Introgression of Neandertal- and Denisovan-like Haplotypes Contributes to Adaptive Variation in Human Toll-like Receptors

Genomic Signatures of Selective Pressures and Introgression from Archaic Hominins at Human Innate Immunity Genes

 

Commentary by Nature on the last two articles says:

Immunity boosted by archaic humans

Genes inherited from ancient hominins have improved the human immune system.

Homo sapiens interbred with Neanderthals and other ancient humans called Denisovans less than 100,000 years ago. Janet Kelso and her team at the Max Planck Institute for Evolutionary Anthropology in Leipzig, Germany, looked for Neanderthal and Denisovan genetic ancestry that has benefited humans by analysing the genomes of hundreds of people from around the world. They found a cluster of three Toll-like receptor (TLR) genes, which are involved in rapidly sensing and responding to infections as part of the innate immune response. Two Neanderthal versions of this cluster and one from Denisovans are common in different human populations. The archaic TLR genes are linked to reduced susceptibility to a bacterial infection of the stomach, but also to higher rates of allergies.

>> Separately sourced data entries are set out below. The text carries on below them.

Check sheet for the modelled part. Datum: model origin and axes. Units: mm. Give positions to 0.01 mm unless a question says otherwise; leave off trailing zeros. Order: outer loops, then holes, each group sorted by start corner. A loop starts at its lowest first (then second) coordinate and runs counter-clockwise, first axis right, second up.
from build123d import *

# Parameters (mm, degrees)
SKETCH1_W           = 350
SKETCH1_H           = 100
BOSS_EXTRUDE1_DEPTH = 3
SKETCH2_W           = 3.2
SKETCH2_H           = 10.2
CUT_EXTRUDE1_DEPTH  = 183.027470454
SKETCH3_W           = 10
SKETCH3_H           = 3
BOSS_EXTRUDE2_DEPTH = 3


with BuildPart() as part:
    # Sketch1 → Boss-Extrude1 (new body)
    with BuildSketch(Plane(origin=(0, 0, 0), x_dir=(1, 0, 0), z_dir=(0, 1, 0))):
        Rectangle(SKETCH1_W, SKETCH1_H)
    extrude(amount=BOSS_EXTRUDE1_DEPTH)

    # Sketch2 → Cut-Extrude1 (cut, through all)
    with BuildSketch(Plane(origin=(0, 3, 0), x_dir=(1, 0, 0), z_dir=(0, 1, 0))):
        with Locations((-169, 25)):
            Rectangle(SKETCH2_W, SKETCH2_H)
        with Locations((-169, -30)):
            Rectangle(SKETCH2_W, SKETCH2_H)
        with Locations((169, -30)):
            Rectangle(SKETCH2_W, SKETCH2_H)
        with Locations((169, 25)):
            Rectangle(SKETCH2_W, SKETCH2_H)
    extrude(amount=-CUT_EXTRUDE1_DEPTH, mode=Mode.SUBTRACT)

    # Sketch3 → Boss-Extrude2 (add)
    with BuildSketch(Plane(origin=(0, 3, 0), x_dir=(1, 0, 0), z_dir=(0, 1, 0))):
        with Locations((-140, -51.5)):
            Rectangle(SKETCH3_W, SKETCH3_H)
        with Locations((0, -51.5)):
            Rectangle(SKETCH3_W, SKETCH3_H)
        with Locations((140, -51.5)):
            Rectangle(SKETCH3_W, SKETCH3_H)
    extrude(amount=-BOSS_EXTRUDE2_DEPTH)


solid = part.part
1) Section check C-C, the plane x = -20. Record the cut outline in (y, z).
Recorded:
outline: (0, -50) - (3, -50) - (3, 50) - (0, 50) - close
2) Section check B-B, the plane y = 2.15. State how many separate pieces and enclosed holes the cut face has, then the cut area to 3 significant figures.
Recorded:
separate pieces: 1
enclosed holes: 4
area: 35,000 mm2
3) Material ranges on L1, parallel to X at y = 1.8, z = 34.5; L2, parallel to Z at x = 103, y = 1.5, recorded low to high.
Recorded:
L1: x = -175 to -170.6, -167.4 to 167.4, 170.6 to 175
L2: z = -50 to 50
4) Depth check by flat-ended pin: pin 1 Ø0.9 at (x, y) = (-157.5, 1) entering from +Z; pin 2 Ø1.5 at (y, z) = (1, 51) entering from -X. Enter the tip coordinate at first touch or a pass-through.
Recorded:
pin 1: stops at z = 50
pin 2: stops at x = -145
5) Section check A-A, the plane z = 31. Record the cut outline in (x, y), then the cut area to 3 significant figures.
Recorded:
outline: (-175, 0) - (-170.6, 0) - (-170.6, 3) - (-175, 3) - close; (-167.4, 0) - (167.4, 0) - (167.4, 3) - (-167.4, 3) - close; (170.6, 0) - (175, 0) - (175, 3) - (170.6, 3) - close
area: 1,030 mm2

In a separate study, a team led by Lluis Quintana-Murci at the Pasteur Institute in Paris identified innate immunity genes that Europeans and Asians seem to have inherited from Neanderthals, including the same cluster of TLR genes.

Let me repeat that. We kept less than 4% of the Neanderthal genes, and about half of those appear to be related to immune function. Generally, in cases like this, only the really important genes, and superior genes, are retained. For example, Nepalese kept the Denisovian gene that allows them to function well in low oxygen environment.

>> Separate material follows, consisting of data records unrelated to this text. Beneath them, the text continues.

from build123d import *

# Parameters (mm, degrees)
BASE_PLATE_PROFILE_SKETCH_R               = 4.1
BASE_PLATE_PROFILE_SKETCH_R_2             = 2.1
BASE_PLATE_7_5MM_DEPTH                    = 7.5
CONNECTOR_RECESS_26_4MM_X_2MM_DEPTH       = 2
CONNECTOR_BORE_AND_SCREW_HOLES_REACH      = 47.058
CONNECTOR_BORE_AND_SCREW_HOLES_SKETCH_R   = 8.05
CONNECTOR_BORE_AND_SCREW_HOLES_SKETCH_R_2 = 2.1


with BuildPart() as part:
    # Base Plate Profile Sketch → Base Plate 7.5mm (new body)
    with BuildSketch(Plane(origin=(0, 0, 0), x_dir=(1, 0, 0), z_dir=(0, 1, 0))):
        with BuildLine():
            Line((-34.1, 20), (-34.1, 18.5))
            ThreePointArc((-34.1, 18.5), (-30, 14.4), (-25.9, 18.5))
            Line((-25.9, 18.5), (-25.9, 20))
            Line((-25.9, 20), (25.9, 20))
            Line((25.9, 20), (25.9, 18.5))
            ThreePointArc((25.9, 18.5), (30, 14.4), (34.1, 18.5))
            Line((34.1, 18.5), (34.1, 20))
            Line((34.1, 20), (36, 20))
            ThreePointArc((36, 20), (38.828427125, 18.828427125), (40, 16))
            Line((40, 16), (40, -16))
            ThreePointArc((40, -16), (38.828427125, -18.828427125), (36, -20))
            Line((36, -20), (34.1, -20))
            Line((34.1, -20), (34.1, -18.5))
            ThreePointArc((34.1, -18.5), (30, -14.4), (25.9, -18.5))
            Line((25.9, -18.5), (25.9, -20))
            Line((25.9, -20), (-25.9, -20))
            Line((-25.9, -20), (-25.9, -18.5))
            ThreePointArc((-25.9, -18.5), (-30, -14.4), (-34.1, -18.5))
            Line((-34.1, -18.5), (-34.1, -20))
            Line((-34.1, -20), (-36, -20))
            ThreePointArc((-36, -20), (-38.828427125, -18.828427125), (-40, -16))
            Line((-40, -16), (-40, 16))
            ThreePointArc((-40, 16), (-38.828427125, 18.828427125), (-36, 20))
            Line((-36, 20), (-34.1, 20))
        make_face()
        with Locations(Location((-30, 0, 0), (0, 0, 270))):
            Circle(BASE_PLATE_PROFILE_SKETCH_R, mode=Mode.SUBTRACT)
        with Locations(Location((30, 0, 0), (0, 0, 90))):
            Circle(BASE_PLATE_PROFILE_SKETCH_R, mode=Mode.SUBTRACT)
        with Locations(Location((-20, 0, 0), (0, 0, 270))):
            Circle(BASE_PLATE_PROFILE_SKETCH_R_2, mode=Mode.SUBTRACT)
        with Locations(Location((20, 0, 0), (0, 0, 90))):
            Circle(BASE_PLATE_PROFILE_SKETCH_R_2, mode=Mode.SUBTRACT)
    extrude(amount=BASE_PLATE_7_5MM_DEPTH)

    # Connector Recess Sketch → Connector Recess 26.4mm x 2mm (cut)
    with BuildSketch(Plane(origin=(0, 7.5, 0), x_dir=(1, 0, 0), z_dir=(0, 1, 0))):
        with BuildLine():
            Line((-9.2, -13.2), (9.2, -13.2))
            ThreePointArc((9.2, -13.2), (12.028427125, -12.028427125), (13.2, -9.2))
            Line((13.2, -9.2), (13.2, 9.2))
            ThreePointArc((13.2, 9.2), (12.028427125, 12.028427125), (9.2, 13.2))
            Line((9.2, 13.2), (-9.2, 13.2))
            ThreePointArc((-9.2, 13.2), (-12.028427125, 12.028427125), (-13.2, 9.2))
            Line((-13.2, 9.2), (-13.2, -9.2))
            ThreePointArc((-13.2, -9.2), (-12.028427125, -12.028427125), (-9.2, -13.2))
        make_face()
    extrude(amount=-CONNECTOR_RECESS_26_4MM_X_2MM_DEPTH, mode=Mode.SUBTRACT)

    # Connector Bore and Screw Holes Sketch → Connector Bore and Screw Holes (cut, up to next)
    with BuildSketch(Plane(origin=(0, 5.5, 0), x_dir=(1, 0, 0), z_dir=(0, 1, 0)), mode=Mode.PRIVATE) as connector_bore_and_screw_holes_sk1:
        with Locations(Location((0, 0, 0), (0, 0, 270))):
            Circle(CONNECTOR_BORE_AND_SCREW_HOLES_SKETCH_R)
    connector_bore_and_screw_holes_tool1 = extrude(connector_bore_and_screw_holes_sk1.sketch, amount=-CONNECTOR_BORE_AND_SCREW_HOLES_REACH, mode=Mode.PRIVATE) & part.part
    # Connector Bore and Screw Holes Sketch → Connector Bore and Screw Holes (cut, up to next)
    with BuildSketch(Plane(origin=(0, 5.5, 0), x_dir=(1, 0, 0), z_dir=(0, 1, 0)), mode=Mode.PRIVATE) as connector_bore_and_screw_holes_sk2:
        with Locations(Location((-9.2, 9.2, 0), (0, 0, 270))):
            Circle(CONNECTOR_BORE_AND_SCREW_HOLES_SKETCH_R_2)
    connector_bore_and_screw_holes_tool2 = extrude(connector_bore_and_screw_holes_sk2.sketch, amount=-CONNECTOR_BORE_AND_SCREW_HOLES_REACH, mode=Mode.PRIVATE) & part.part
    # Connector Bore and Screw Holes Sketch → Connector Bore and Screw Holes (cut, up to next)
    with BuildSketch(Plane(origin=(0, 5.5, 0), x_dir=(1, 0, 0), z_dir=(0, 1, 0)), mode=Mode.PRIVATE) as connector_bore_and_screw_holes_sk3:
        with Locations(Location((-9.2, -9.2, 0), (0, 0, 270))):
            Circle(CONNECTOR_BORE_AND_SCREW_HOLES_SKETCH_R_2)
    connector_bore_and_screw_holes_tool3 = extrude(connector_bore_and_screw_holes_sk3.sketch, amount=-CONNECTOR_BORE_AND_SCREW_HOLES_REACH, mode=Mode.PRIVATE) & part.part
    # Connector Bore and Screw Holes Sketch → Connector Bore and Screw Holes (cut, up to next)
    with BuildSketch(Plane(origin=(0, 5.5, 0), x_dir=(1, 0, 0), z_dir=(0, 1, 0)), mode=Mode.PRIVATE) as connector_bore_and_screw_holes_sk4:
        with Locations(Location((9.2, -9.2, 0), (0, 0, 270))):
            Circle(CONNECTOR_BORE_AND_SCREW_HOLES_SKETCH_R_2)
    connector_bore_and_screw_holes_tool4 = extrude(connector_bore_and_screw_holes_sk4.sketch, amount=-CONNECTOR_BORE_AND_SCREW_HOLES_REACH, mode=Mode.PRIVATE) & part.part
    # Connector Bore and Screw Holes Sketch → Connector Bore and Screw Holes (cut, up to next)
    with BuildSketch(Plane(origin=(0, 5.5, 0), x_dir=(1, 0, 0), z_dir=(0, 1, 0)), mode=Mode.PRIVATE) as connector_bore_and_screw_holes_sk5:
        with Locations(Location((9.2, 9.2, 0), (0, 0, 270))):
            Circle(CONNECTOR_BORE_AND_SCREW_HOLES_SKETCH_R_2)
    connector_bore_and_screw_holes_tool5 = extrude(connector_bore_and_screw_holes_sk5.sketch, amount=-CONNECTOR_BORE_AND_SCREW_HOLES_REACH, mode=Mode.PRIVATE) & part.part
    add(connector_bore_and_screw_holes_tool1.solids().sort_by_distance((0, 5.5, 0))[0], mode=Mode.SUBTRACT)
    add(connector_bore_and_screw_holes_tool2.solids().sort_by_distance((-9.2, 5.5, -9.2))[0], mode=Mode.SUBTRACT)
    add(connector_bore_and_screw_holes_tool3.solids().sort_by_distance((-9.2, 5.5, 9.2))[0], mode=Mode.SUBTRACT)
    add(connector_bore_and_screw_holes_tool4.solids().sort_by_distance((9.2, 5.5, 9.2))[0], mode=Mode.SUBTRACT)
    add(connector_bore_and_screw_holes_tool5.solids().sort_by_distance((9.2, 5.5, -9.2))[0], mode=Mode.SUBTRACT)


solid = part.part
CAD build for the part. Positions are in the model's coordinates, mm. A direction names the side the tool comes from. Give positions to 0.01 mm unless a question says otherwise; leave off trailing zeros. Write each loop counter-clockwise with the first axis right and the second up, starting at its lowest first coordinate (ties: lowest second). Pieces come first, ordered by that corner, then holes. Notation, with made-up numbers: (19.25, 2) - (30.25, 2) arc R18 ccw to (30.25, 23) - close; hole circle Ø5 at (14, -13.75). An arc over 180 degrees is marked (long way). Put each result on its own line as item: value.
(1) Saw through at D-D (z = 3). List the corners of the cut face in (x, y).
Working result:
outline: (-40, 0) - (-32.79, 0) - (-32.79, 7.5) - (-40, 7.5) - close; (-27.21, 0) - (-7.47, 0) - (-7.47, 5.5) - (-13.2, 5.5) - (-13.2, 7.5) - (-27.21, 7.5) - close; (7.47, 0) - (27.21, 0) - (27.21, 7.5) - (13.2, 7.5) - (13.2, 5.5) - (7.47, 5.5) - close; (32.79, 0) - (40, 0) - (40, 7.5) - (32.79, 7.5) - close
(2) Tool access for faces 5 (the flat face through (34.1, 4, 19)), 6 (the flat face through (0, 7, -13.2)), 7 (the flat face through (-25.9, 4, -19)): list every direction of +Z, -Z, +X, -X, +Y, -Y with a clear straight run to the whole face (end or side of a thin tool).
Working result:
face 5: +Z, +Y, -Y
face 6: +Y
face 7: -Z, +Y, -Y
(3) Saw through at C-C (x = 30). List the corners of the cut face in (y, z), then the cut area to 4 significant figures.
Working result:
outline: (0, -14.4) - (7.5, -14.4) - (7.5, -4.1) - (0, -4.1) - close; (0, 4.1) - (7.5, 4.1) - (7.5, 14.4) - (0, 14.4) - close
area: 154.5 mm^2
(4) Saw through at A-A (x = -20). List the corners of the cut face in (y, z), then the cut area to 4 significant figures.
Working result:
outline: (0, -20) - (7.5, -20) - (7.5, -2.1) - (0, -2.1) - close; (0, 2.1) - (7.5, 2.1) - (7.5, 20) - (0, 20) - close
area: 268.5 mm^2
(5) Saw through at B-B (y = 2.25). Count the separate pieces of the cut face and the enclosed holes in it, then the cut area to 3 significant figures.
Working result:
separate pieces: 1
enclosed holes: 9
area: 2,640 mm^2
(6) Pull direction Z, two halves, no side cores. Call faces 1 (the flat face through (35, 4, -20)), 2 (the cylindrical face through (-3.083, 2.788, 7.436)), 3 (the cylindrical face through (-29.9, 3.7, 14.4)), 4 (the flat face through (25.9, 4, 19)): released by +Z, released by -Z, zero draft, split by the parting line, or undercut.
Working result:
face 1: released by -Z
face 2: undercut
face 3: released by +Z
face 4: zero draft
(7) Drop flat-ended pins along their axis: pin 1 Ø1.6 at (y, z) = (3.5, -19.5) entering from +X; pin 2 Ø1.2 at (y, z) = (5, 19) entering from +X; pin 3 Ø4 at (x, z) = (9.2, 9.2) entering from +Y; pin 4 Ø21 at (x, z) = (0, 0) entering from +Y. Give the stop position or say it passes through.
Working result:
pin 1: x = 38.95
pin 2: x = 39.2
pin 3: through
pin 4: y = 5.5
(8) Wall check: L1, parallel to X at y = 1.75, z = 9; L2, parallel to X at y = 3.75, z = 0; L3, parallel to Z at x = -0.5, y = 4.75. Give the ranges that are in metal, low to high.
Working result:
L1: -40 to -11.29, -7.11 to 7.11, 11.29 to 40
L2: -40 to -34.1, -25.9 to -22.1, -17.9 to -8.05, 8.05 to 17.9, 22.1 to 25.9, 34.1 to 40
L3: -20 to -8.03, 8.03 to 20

Now let’s look at another piece of evidence. Biological warfare. It’s terrible. It’s terribly effective. And used over and over. Here is a quote from the article, History of biological warfare and bioterrorism.

The Hittites might have produced the first documented example of biowarfare by sending diseased rams (possibly infected with tularaemia) to their enemies to weaken them. In the fourth century BC, the Greek historian Herodotus relates that Scythian archers used to infect their arrows by dipping them in a mixture of decomposing cadavers of adders and human blood.

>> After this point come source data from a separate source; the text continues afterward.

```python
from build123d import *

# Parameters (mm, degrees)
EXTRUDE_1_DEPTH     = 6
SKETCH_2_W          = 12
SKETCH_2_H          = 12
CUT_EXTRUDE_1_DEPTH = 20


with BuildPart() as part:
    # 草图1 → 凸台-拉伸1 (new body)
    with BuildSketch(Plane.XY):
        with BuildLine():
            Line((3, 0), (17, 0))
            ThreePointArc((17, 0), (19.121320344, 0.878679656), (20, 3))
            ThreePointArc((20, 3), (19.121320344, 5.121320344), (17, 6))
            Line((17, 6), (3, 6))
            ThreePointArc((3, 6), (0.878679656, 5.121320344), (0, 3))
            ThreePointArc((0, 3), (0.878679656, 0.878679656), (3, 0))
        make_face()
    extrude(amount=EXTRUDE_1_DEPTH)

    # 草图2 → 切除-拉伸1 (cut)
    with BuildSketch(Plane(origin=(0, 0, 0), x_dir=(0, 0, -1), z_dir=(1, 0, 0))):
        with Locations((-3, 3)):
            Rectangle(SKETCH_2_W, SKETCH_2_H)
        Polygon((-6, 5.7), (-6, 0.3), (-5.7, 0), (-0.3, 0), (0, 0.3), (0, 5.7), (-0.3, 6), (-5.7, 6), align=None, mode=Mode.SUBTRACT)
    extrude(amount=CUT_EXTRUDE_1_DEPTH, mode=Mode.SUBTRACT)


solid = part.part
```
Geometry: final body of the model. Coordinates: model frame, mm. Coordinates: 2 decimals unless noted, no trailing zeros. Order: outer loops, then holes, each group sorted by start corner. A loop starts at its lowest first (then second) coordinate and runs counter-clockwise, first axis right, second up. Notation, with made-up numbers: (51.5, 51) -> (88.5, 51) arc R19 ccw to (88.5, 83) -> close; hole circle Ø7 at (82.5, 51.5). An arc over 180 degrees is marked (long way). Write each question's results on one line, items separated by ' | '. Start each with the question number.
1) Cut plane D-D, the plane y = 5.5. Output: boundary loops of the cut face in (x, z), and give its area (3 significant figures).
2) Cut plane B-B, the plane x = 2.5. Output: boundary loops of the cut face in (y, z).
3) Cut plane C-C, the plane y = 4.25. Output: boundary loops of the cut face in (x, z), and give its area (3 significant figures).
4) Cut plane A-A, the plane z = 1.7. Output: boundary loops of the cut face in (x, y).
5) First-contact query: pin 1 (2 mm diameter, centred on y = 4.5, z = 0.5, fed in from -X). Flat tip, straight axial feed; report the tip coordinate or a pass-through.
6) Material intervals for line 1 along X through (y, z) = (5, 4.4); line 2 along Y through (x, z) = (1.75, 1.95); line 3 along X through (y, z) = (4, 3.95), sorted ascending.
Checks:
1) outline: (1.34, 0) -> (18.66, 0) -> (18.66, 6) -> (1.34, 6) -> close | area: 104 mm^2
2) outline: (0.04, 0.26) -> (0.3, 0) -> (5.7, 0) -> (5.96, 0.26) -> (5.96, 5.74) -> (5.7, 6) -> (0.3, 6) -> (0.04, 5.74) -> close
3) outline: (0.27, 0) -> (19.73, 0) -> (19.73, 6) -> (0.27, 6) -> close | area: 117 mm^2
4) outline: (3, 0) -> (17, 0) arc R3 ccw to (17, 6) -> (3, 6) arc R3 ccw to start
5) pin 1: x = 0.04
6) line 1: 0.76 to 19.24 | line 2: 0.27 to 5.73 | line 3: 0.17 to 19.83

And below are some historical examples.

Year Event
~1400 BC The Hittites send rams infected with tularaemia to their enemies
~400 BC According to Herodotus, Scythian archers infect their arrows by dipping them into decomposing cadavers
1155 Barba rossa poisons water wells with human bodies, Tortona (Italy)
1346 Mongols hurl bodies of plague victims over the walls of the besieged city of Caffa (Crimea)
1422 Lithuanian army hurls manure made of infected victims into the town of Carolstein (Bohemia)
1495 Spanish mix wine with blood of leprosy patients to sell to their French foes, Naples (Italy)
1650 Polish army fires saliva from rabid dogs towards their enemies
1710 Russian army catapult plague cadavers over the Swedish troops in Reval (Estonia)
1763 British officers distribute blankets from smallpox hospital to Native Americans
1797 The Napoleonic armies flood the plains around Mantua (Italy), to enhance the spread of malaria among the enemy
1863 Confederates sell clothing from yellow fever and smallpox patients to Union troops during the American Civil War

 

In fact, some Neanderthal genes are so important that they were brought back to Africa and spread. As you might expect, many of those genes are related to the immune response. The other is to UV resistance.

So now we return to the dogs.

Most likely, the Native American dogs suffered the same fate as Native Americans. I think that the Old World canine diseases probably wiped out the New World dogs.